1.4.1 Part 1: Working with Spatial Data

This section introduces foundational GIS concepts and tools for data manipulation and visualization.

  1. Introduction to GIS & Spatial Analysis
    • What is GIS?
    • What is spatial analysis?
    • GIS software overview
  2. Feature Representation
    • Vector vs. Raster
    • Object vs. Field views
    • Scale and attribute tables
  3. GIS Data Management
    • File formats and project organization
    • Managing data in ArcGIS
  4. Symbolizing Features
    • Color theory and classification
    • Choropleth mapping techniques
  5. Statistical Maps
    • Mapping distributions and uncertainty
    • Classification intervals and outlier detection
  6. Pitfalls to Avoid
    • MAUP, ecological fallacy, unstable rates
  7. Good Map Making Tips
    • Map elements, layout, and typography
  8. Spatial Operations and Vector Overlays
    • Selection, overlays, and spatial queries
  9. Coordinate Systems
    • Geographic vs. projected systems
    • Spatial properties and geodesic geometries
  10. Map Algebra
    • Local, focal, zonal, and global raster operations

1.4.2 Part 2: Exploratory Spatial Data Analysis

This section focuses on statistical analysis of spatial patterns using R.

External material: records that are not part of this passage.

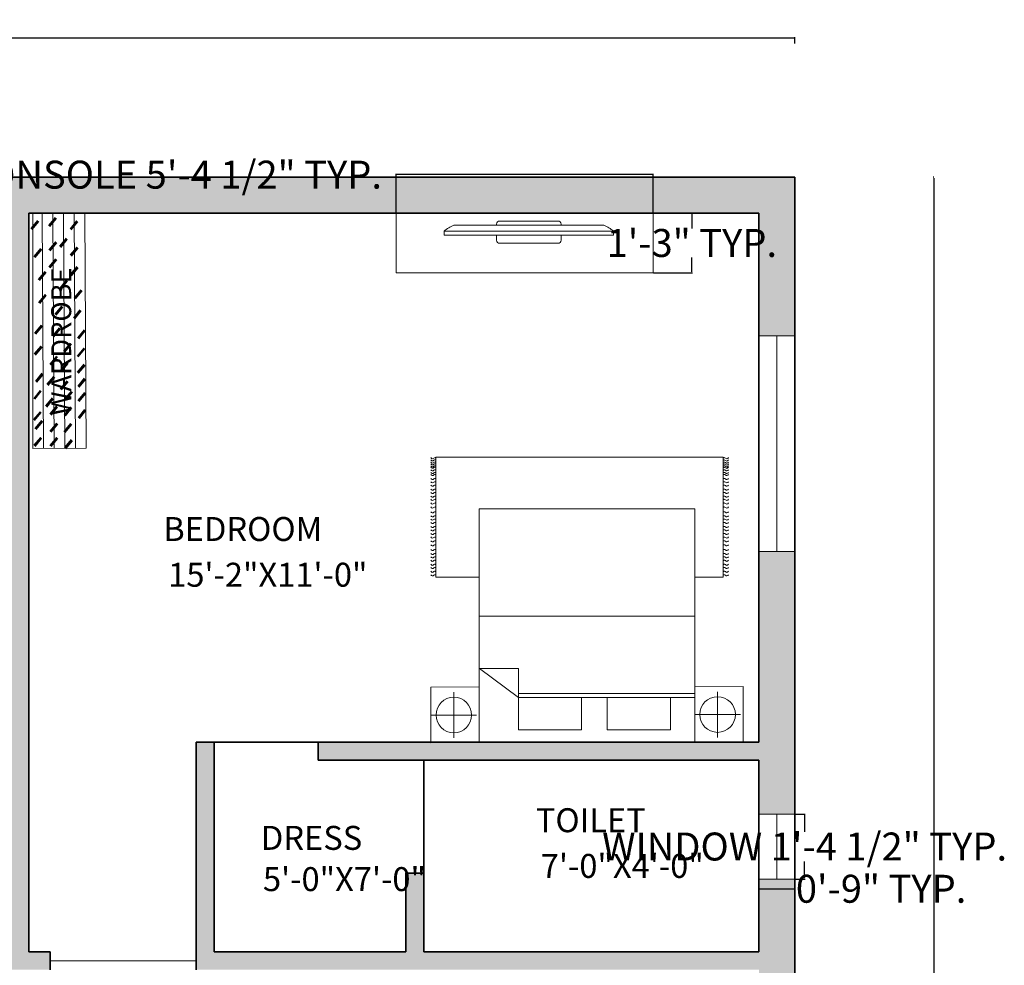
# Model space of a CAD drawing. Units: inches. Extents: x 136 to 672, y -412 to 279.
# Tile 6 of 6: x 409 to 656, y 42 to 279. Entities that reach past the tile are written whole.
import ezdxf

# ---------------------------------------------------------------- set-up
doc = ezdxf.new("R2010")
doc.units = ezdxf.units.IN
doc.header["$MEASUREMENT"] = 0
for name, color, linetype, lineweight in [('A-ANNO-DIMS', 12, 'Continuous', 18), ('A-ANNO-TEXT', 7, 'Continuous', 18), ('A-AREA-IDEN', 7, 'Continuous', 18), ('A-DOOR', 4, 'Continuous', 18), ('A-EQPM', 8, 'Continuous', 18), ('A-FLOR-CASE', 252, 'Continuous', 18), ('A-FLOR-CASE-PATT', 9, 'Continuous', 9), ('A-WALL-PATT', 244, 'Continuous', 9), ('furniture', 252, 'Continuous', 18), ('walls', 253, 'Continuous', 35), ('windows', 171, 'Continuous', 18)]:
    doc.layers.add(name, color=color, linetype=linetype, lineweight=lineweight)
doc.styles.get("Standard").update_dxf_attribs({"font": 'arial.ttf'})
doc.dimstyles.get("Standard").update_dxf_attribs({"dimtxt": 7, "dimasz": 0.18, "dimexe": 0.18, "dimexo": 0.0625, "dimgap": 0.09, "dimtad": 0, "dimtih": 1, "dimtoh": 1, "dimzin": 0, "dimdsep": 46, "dimlunit": 3, "dimtxsty": 'Standard', "dimcen": 0.09, "dimadec": 0, "dimazin": 0, "dimtfac": 1, "dimtofl": 0, "dimtmove": 0, "dimatfit": 3, "dimfxl": 1, "dimtolj": 1, "dimtzin": 0, "dimarcsym": 0})

# ---------------------------------------------------------------- blocks, each defined once
blk = doc.blocks.new('CARPET')
at = {"layer": 'furniture'}
for p, q in [((-51.53, -98.11), (-51.53, -55.12)), ((-51.53, -55.12), (-41.27, -55.12)), ((36, -55.12), (51.55, -55.12)), ((51.55, -55.12), (51.55, -98.11)), ((51.55, -98.11), (-51.53, -98.11))]:
    blk.add_line(p, q, dxfattribs=at)
for points, knots in [([(-53.37, -55.99), (-53.22, -55.8), (-52.9, -55.41), (-52.34, -55.8), (-51.89, -56.08), (-51.65, -55.91), (-51.53, -55.83)], [0, 0, 0, 0, 0.653278, 1.290138, 1.740457, 2.114451, 2.114451, 2.114451, 2.114451]), ([(53.37, -55.99), (53.22, -55.8), (52.9, -55.41), (52.34, -55.8), (51.89, -56.08), (51.65, -55.91), (51.53, -55.83)], [0, 0, 0, 0, 0.653278, 1.290138, 1.740457, 2.114451, 2.114451, 2.114451, 2.114451]), ([(-53.37, -57.26), (-53.22, -57.07), (-52.9, -56.67), (-52.34, -57.07), (-51.89, -57.35), (-51.65, -57.17), (-51.53, -57.1)], [0, 0, 0, 0, 0.653278, 1.290138, 1.740457, 2.114451, 2.114451, 2.114451, 2.114451]), ([(-53.37, -58.59), (-53.22, -58.4), (-52.9, -58.01), (-52.34, -58.4), (-51.89, -58.68), (-51.65, -58.5), (-51.53, -58.43)], [0, 0, 0, 0, 0.653278, 1.290138, 1.740457, 2.114451, 2.114451, 2.114451, 2.114451]), ([(-53.37, -59.78), (-53.22, -59.58), (-52.9, -59.19), (-52.34, -59.58), (-51.89, -59.86), (-51.65, -59.69), (-51.53, -59.61)], [0, 0, 0, 0, 0.653278, 1.290138, 1.740457, 2.114451, 2.114451, 2.114451, 2.114451]), ([(53.37, -57.26), (53.22, -57.07), (52.9, -56.67), (52.34, -57.07), (51.89, -57.35), (51.65, -57.17), (51.53, -57.1)], [0, 0, 0, 0, 0.653278, 1.290138, 1.740457, 2.114451, 2.114451, 2.114451, 2.114451]), ([(53.37, -58.59), (53.22, -58.4), (52.9, -58.01), (52.34, -58.4), (51.89, -58.68), (51.65, -58.5), (51.53, -58.43)], [0, 0, 0, 0, 0.653278, 1.290138, 1.740457, 2.114451, 2.114451, 2.114451, 2.114451]), ([(53.37, -59.78), (53.22, -59.58), (52.9, -59.19), (52.34, -59.58), (51.89, -59.86), (51.65, -59.69), (51.53, -59.61)], [0, 0, 0, 0, 0.653278, 1.290138, 1.740457, 2.114451, 2.114451, 2.114451, 2.114451]), ([(-53.37, -61.22), (-53.22, -61.02), (-52.9, -60.63), (-52.34, -61.02), (-51.89, -61.3), (-51.65, -61.13), (-51.53, -61.05)], [0, 0, 0, 0, 0.653278, 1.290138, 1.740457, 2.114451, 2.114451, 2.114451, 2.114451]), ([(-53.37, -62.44), (-53.22, -62.25), (-52.9, -61.86), (-52.34, -62.25), (-51.89, -62.53), (-51.65, -62.36), (-51.53, -62.28)], [0, 0, 0, 0, 0.653278, 1.290138, 1.740457, 2.114451, 2.114451, 2.114451, 2.114451]), ([(-53.37, -63.63), (-53.22, -63.43), (-52.9, -63.04), (-52.34, -63.43), (-51.89, -63.72), (-51.65, -63.54), (-51.53, -63.46)], [0, 0, 0, 0, 0.653278, 1.290138, 1.740457, 2.114451, 2.114451, 2.114451, 2.114451]), ([(53.37, -61.22), (53.22, -61.02), (52.9, -60.63), (52.34, -61.02), (51.89, -61.3), (51.65, -61.13), (51.53, -61.05)], [0, 0, 0, 0, 0.653278, 1.290138, 1.740457, 2.114451, 2.114451, 2.114451, 2.114451]), ([(53.37, -62.44), (53.22, -62.25), (52.9, -61.86), (52.34, -62.25), (51.89, -62.53), (51.65, -62.36), (51.53, -62.28)], [0, 0, 0, 0, 0.653278, 1.290138, 1.740457, 2.114451, 2.114451, 2.114451, 2.114451]), ([(53.37, -63.63), (53.22, -63.43), (52.9, -63.04), (52.34, -63.43), (51.89, -63.72), (51.65, -63.54), (51.53, -63.46)], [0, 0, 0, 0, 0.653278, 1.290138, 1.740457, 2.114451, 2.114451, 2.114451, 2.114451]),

  1. Point Pattern Analysis
    • Centrography
    • Density and distance-based methods
  2. Hypothesis Testing
    • CSR/IRP testing
    • Monte Carlo simulations
  3. Spatial Autocorrelation
    • Global and local Moran’s I
    • Multiple comparison corrections
  4. Spatial Interpolation
    • Deterministic (IDW, Thiessen) and statistical (Kriging) methods

References

Anselin, Luc, and John O’Loughlin. 1992. Geography of international conflict and cooperation: spatial dependence and regional context in Africa.” The New Geopolitics, 39–75.
O’Sullivan, David, and David Unwin. 2010. Geographic Information Analysis. New Jersey, USA: Wiley.
Tukey, John W. 1972. Some Graphic and Semigraphic Displays.” In Statistical Papers in Honor of George w. Snedecor, edited by T. A. Bancroft, 293–316. August 1969.